Отчихвостив одного в хвост и в гриву, она повернулась к другому. Михалыч вальяжно развалился в кресле. Все «новые русские» недавно выбившиеся в нувориши любят изображать из себя потомственных бар, забывая, или не зная простой истины о том, что костюм от Диора или ботинки из крокодиловой кожи никогда не сделают их аристократами.
Изысканной учтивостью Михалыч не отличался. Единственное кресло, в котором он сидел, не было предложено им сиятельной особе. В обществе нынче правил бал, его величество – доллар, капитал. А у княгини кроме ее царской осанки и собственного достоинства, похоже, ничего больше за душой не было. Вот он и развалился в кресле.
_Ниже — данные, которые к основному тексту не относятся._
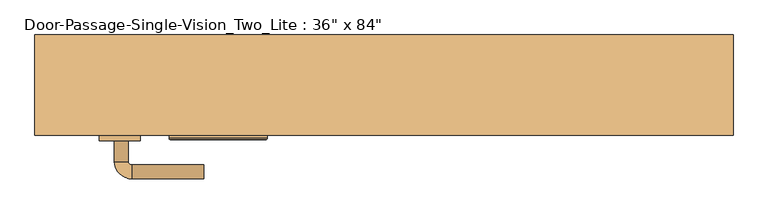
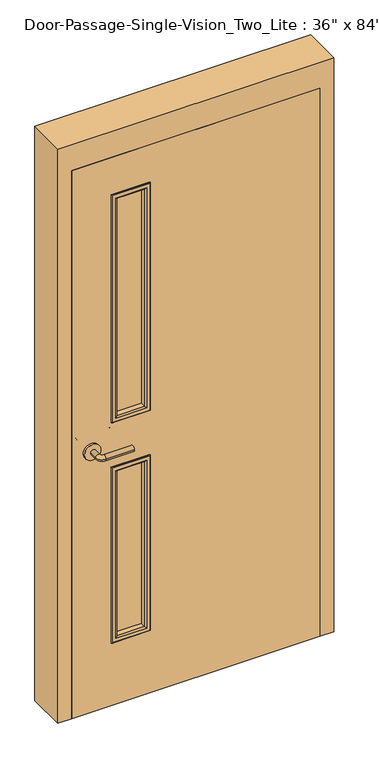
"""IFC4 building model written with IfcOpenShell, lengths in millimetres: door geometry."""

from ifc_helpers import new_model, si_unit, point, frame, frame_2d, origin, place, context, project, spatial, polyline, circle_curve, ellipse_curve, trimmed, segment, composite_curve, outline, extrude, faceted_brep, source, transform, mapped, element, save
from ifc_brep_helpers import plane_surface, cylinder_surface, revolved_surface, advanced_brep


def door_52fb15b9(model_context):
    return source(origin(), model_context, "Body", "SolidModel", [
        advanced_brep(
        [(-392.190625, -68.2, 1016.0), (-372.190625, -68.2, 1016.0), (-392.190625, -38.2, 1016.0), (-372.190625, -38.2, 1016.0), (-367.190625, -33.2, 1016.0), (-367.190625, -13.2, 1016.0), (-262.190625, -13.2, 1016.0), (-262.190625, -33.2, 1016.0)],
        [
            (0, 1, circle_curve(frame((-382.190625, -68.2, 1016.0), z_axis=(0.0, -1.0, 0.0), x_axis=(1.0, 0.0, 0.0)), 10.0)),
            (1, 0, circle_curve(frame((-382.190625, -68.2, 1016.0), z_axis=(0.0, -1.0, 0.0), x_axis=(1.0, 0.0, 0.0)), 10.0)),
            (0, 2),
            (2, 3, circle_curve(frame((-382.190625, -38.2, 1016.0), z_axis=(0.0, -1.0, 0.0), x_axis=(1.0, 0.0, 0.0)), 10.0)),
            (3, 1),
            (3, 2, circle_curve(frame((-382.190625, -38.2, 1016.0), z_axis=(0.0, -1.0, 0.0), x_axis=(1.0, 0.0, 0.0)), 10.0)),
            (4, 3, circle_curve(frame((-367.190625, -38.2, 1016.0), z_axis=(0.0, 0.0, 1.0), x_axis=(-1.0, 0.0, 0.0)), 5.0)),
            (2, 5, circle_curve(frame((-367.190625, -38.2, 1016.0), z_axis=(0.0, 0.0, -1.0), x_axis=(-1.0, 0.0, 0.0)), 25.0)),
            (5, 4, circle_curve(frame((-367.190625, -23.2, 1016.0), z_axis=(-1.0, 0.0, 0.0), x_axis=(0.0, -1.0, 0.0)), 10.0)),
            (4, 5, circle_curve(frame((-367.190625, -23.2, 1016.0), z_axis=(-1.0, 0.0, 0.0), x_axis=(0.0, -1.0, 0.0)), 10.0)),
            (6, 7, circle_curve(frame((-262.190625, -23.2, 1016.0), z_axis=(1.0, 0.0, 0.0), x_axis=(0.0, -1.0, 0.0)), 10.0)),
            (7, 6, circle_curve(frame((-262.190625, -23.2, 1016.0), z_axis=(1.0, 0.0, 0.0), x_axis=(0.0, -1.0, 0.0)), 10.0)),
            (5, 6),
            (7, 4),
        ],
        [
            plane_surface(frame((-382.190625, -68.2, 1016.0), z_axis=(0.0, -1.0, 0.0), x_axis=(0.0, 0.0, 1.0))),
            cylinder_surface(frame((-382.190625, -68.2, 1016.0), z_axis=(0.0, -1.0, 0.0), x_axis=(1.0, 0.0, 0.0)), 10.0),
            revolved_surface(trimmed(ellipse_curve(frame((-382.190625, -38.2, 1016.0), z_axis=(0.0, -1.0, 0.0), x_axis=(1.0, 0.0, 0.0)), 10.0, 10.0), [point((-392.190625, -38.2, 1016.0))], [point((-372.190625, -38.2, 1016.0))], True, "CARTESIAN"), (-367.190625, -38.2, 1016.0), (0.0, 0.0, -1.0)),
            revolved_surface(trimmed(ellipse_curve(frame((-382.190625, -38.2, 1016.0), z_axis=(0.0, -1.0, 0.0), x_axis=(1.0, 0.0, 0.0)), 10.0, 10.0), [point((-372.190625, -38.2, 1016.0))], [point((-392.190625, -38.2, 1016.0))], True, "CARTESIAN"), (-367.190625, -38.2, 1016.0), (0.0, 0.0, -1.0)),
            plane_surface(frame((-262.190625, -23.2, 1016.0), z_axis=(1.0, 0.0, 0.0), x_axis=(0.0, 0.0, 1.0))),
            cylinder_surface(frame((-367.190625, -23.2, 1016.0), z_axis=(-1.0, 0.0, 0.0), x_axis=(0.0, -1.0, 0.0)), 10.0),
        ],
        [
            (0, [[1, 2]]),
            (1, [[-1, 3, 4, 5]]),
            (1, [[-2, -5, 6, -3]]),
            (2, [[7, -4, 8, 9]]),
            (3, [[-8, -6, -7, 10]]),
            (4, [[11, 12]]),
            (5, [[-9, 13, -12, 14]]),
            (5, [[-10, -14, -11, -13]]),
        ],
    ),
        extrude(outline(composite_curve([segment(trimmed(circle_curve(frame_2d((1016.0, -384.690625)), 30.0), [point((1016.0, -414.690625))], [point((1016.0, -354.690625))], False, "CARTESIAN"), True, "CONTINUOUS"), segment(trimmed(circle_curve(frame_2d((1016.0, -384.690625)), 30.0), [point((1016.0, -354.690625))], [point((1016.0, -414.690625))], False, "CARTESIAN"), True, "CONTINUOUS")], self_intersect=False)), frame((0.0, -76.2, 0.0), z_axis=(0.0, 1.0, 0.0), x_axis=(0.0, 0.0, 1.0)), (0.0, 0.0, 1.0), 8.0),
        advanced_brep(
        [(-392.190625, -128.65, 1016.0), (-372.190625, -128.65, 1016.0), (-372.190625, -158.65, 1016.0), (-392.190625, -158.65, 1016.0), (-367.190625, -163.65, 1016.0), (-367.190625, -183.65, 1016.0), (-262.190625, -183.65, 1016.0), (-262.190625, -163.65, 1016.0)],
        [
            (0, 1, circle_curve(frame((-382.190625, -128.65, 1016.0), z_axis=(0.0, 1.0, 0.0), x_axis=(1.0, 0.0, 0.0)), 10.0)),
            (1, 0, circle_curve(frame((-382.190625, -128.65, 1016.0), z_axis=(0.0, 1.0, 0.0), x_axis=(1.0, 0.0, 0.0)), 10.0)),
            (1, 2),
            (2, 3, circle_curve(frame((-382.190625, -158.65, 1016.0), z_axis=(0.0, 1.0, 0.0), x_axis=(1.0, 0.0, 0.0)), 10.0)),
            (3, 0),
            (3, 2, circle_curve(frame((-382.190625, -158.65, 1016.0), z_axis=(0.0, 1.0, 0.0), x_axis=(1.0, 0.0, 0.0)), 10.0)),
            (4, 5, circle_curve(frame((-367.190625, -173.65, 1016.0), z_axis=(-1.0, 0.0, 0.0), x_axis=(0.0, 1.0, 0.0)), 10.0)),
            (5, 3, circle_curve(frame((-367.190625, -158.65, 1016.0), z_axis=(0.0, 0.0, -1.0), x_axis=(-1.0, 0.0, 0.0)), 25.0)),
            (2, 4, circle_curve(frame((-367.190625, -158.65, 1016.0), z_axis=(0.0, 0.0, 1.0), x_axis=(-1.0, 0.0, 0.0)), 5.0)),
            (5, 4, circle_curve(frame((-367.190625, -173.65, 1016.0), z_axis=(-1.0, 0.0, 0.0), x_axis=(0.0, 1.0, 0.0)), 10.0)),
            (6, 7, circle_curve(frame((-262.190625, -173.65, 1016.0), z_axis=(1.0, 0.0, 0.0), x_axis=(0.0, 1.0, 0.0)), 10.0)),
            (7, 6, circle_curve(frame((-262.190625, -173.65, 1016.0), z_axis=(1.0, 0.0, 0.0), x_axis=(0.0, 1.0, 0.0)), 10.0)),
            (4, 7),
            (6, 5),
        ],
        [
            plane_surface(frame((-382.190625, -128.65, 1016.0), z_axis=(0.0, 1.0, 0.0), x_axis=(0.0, 0.0, 1.0))),
            cylinder_surface(frame((-382.190625, -128.65, 1016.0), z_axis=(0.0, 1.0, 0.0), x_axis=(1.0, 0.0, 0.0)), 10.0),
            revolved_surface(trimmed(ellipse_curve(frame((-382.190625, -158.65, 1016.0), z_axis=(0.0, -1.0, 0.0), x_axis=(1.0, 0.0, 0.0)), 10.0, 10.0), [point((-392.190625, -158.65, 1016.0))], [point((-372.190625, -158.65, 1016.0))], True, "CARTESIAN"), (-367.190625, -158.65, 1016.0), (0.0, 0.0, -1.0)),
            revolved_surface(trimmed(ellipse_curve(frame((-382.190625, -158.65, 1016.0), z_axis=(0.0, -1.0, 0.0), x_axis=(1.0, 0.0, 0.0)), 10.0, 10.0), [point((-372.190625, -158.65, 1016.0))], [point((-392.190625, -158.65, 1016.0))], True, "CARTESIAN"), (-367.190625, -158.65, 1016.0), (0.0, 0.0, -1.0)),
            plane_surface(frame((-262.190625, -173.65, 1016.0), z_axis=(1.0, 0.0, 0.0), x_axis=(0.0, 0.0, 1.0))),
            cylinder_surface(frame((-367.190625, -173.65, 1016.0), z_axis=(-1.0, 0.0, 0.0), x_axis=(0.0, 1.0, 0.0)), 10.0),
        ],
        [
            (0, [[1, 2]]),
            (1, [[3, 4, 5, -2]]),
            (1, [[-5, 6, -3, -1]]),
            (2, [[7, 8, -4, 9]]),
            (3, [[10, -9, -6, -8]]),
            (4, [[11, 12]]),
            (5, [[13, -11, 14, -7]]),
            (5, [[-14, -12, -13, -10]]),
        ],
    ),
        extrude(outline(composite_curve([segment(trimmed(circle_curve(frame_2d((1016.0, -384.690625)), 30.0), [point((1016.0, -414.690625))], [point((1016.0, -354.690625))], False, "CARTESIAN"), True, "CONTINUOUS"), segment(trimmed(circle_curve(frame_2d((1016.0, -384.690625)), 30.0), [point((1016.0, -354.690625))], [point((1016.0, -414.690625))], False, "CARTESIAN"), True, "CONTINUOUS")], self_intersect=False)), frame((0.0, -128.65, 0.0), z_axis=(0.0, 1.0, 0.0), x_axis=(0.0, 0.0, 1.0)), (0.0, 0.0, 1.0), 8.0),
        extrude(outline(polyline([(2133.6, -457.2), (0.0, -457.2), (0.0, 457.2), (2133.6, 457.2), (2133.6, -457.2)]), holes=[polyline([(1981.2, -304.8), (1981.2, -177.8), (1111.25, -177.8), (1111.25, -304.8), (1981.2, -304.8)]), polyline([(920.75, -304.8), (920.75, -177.8), (254.0, -177.8), (254.0, -304.8), (920.75, -304.8)])]), frame((0.0, -120.65, 0.0), z_axis=(0.0, 1.0, 0.0), x_axis=(0.0, 0.0, 1.0)), (0.0, 0.0, 1.0), 44.45),
        faceted_brep([(457.2, -71.4375, 0.0), (441.325, -71.4375, 0.0), (441.325, -23.8125, 0.0), (457.2, -23.8125, 0.0), (457.2, 25.4, 0.0), (508.0, 25.4, 0.0), (508.0, -120.65, 0.0), (457.2, -120.65, 0.0), (457.2, -120.65, 2133.6), (457.2, -71.4375, 2133.6), (508.0, -120.65, 2235.2), (-508.0, -120.65, 2235.2), (-508.0, -120.65, 0.0), (-457.2, -120.65, 0.0), (-457.2, -120.65, 2133.6), (508.0, 25.4, 2235.2), (457.2, 25.4, 2133.6), (-457.2, 25.4, 2133.6), (-457.2, 25.4, 0.0), (-508.0, 25.4, 0.0), (-508.0, 25.4, 2235.2), (457.2, -23.8125, 2133.6), (441.325, -23.8125, 2117.725), (-441.325, -23.8125, 2117.725), (-441.325, -23.8125, 0.0), (-457.2, -23.8125, 0.0), (-457.2, -23.8125, 2133.6), (441.325, -71.4375, 2117.725), (-457.2, -71.4375, 2133.6), (-457.2, -71.4375, 0.0), (-441.325, -71.4375, 0.0), (-441.325, -71.4375, 2117.725)], [[[0, 1, 2, 3, 4, 5, 6, 7]], [[7, 8, 9, 0]], [[6, 10, 11, 12, 13, 14, 8, 7]], [[5, 15, 10, 6]], [[4, 16, 17, 18, 19, 20, 15, 5]], [[3, 21, 16, 4]], [[2, 22, 23, 24, 25, 26, 21, 3]], [[1, 27, 22, 2]], [[0, 9, 28, 29, 30, 31, 27, 1]], [[8, 14, 28, 9]], [[16, 21, 26, 17]], [[22, 27, 31, 23]], [[12, 19, 18, 25, 24, 30, 29, 13]], [[13, 29, 28, 14]], [[11, 20, 19, 12]], [[17, 26, 25, 18]], [[23, 31, 30, 24]], [[15, 20, 11, 10]]]),
        extrude(outline(polyline([(-177.8, -95.25), (-177.8, -101.6), (-304.8, -101.6), (-304.8, -95.25), (-177.8, -95.25)])), frame((0.0, 0.0, 1111.25), z_axis=(0.0, 0.0, 1.0), x_axis=(1.0, 0.0, 0.0)), (0.0, 0.0, 1.0), 869.95),
        extrude(outline(polyline([(-177.8, -95.25), (-177.8, -101.6), (-304.8, -101.6), (-304.8, -95.25), (-177.8, -95.25)])), frame((0.0, 0.0, 254.0), z_axis=(0.0, 0.0, 1.0), x_axis=(1.0, 0.0, 0.0)), (0.0, 0.0, 1.0), 666.75),
        advanced_brep(
        [(-304.8, -101.6, 1981.2), (-304.8, -101.6, 1111.25), (-304.8, -120.65, 1111.25), (-304.8, -120.65, 1981.2), (-292.8, -121.65, 1969.2), (-292.8, -121.65, 1123.25), (-292.8, -101.6, 1123.25), (-292.8, -101.6, 1969.2), (-297.8, -126.65, 1974.2), (-297.8, -126.65, 1118.25), (-312.8, -124.65, 1989.2), (-312.8, -124.65, 1103.25), (-310.8, -126.65, 1105.25), (-310.8, -126.65, 1987.2), (-312.8, -120.65, 1989.2), (-312.8, -120.65, 1103.25), (-177.8, -101.6, 1111.25), (-177.8, -120.65, 1111.25), (-189.8, -121.65, 1123.25), (-189.8, -101.6, 1123.25), (-184.8, -126.65, 1118.25), (-169.8, -124.65, 1103.25), (-171.8, -126.65, 1105.25), (-169.8, -120.65, 1103.25), (-177.8, -101.6, 1981.2), (-177.8, -120.65, 1981.2), (-189.8, -121.65, 1969.2), (-189.8, -101.6, 1969.2), (-184.8, -126.65, 1974.2), (-169.8, -124.65, 1989.2), (-171.8, -126.65, 1987.2), (-169.8, -120.65, 1989.2)],
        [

– А ну встань хам, когда с дамой разговариваешь! – стеганула его по глазам Княгиня. И столько властности и презрения было в ее взгляде, что главный режиссер, растерявшись, повел головой по сторонам ища сочувствия и поддержки. Князь отвел глаза в сторону, милиционеры отошли подальше, Наталья Сергеевна притворилась, что она глухая, один Данила как всегда вылез не к месту с кривой подпоркой.
– Михалыч, нас с тобою оскорбляют! Сиди, ни с места!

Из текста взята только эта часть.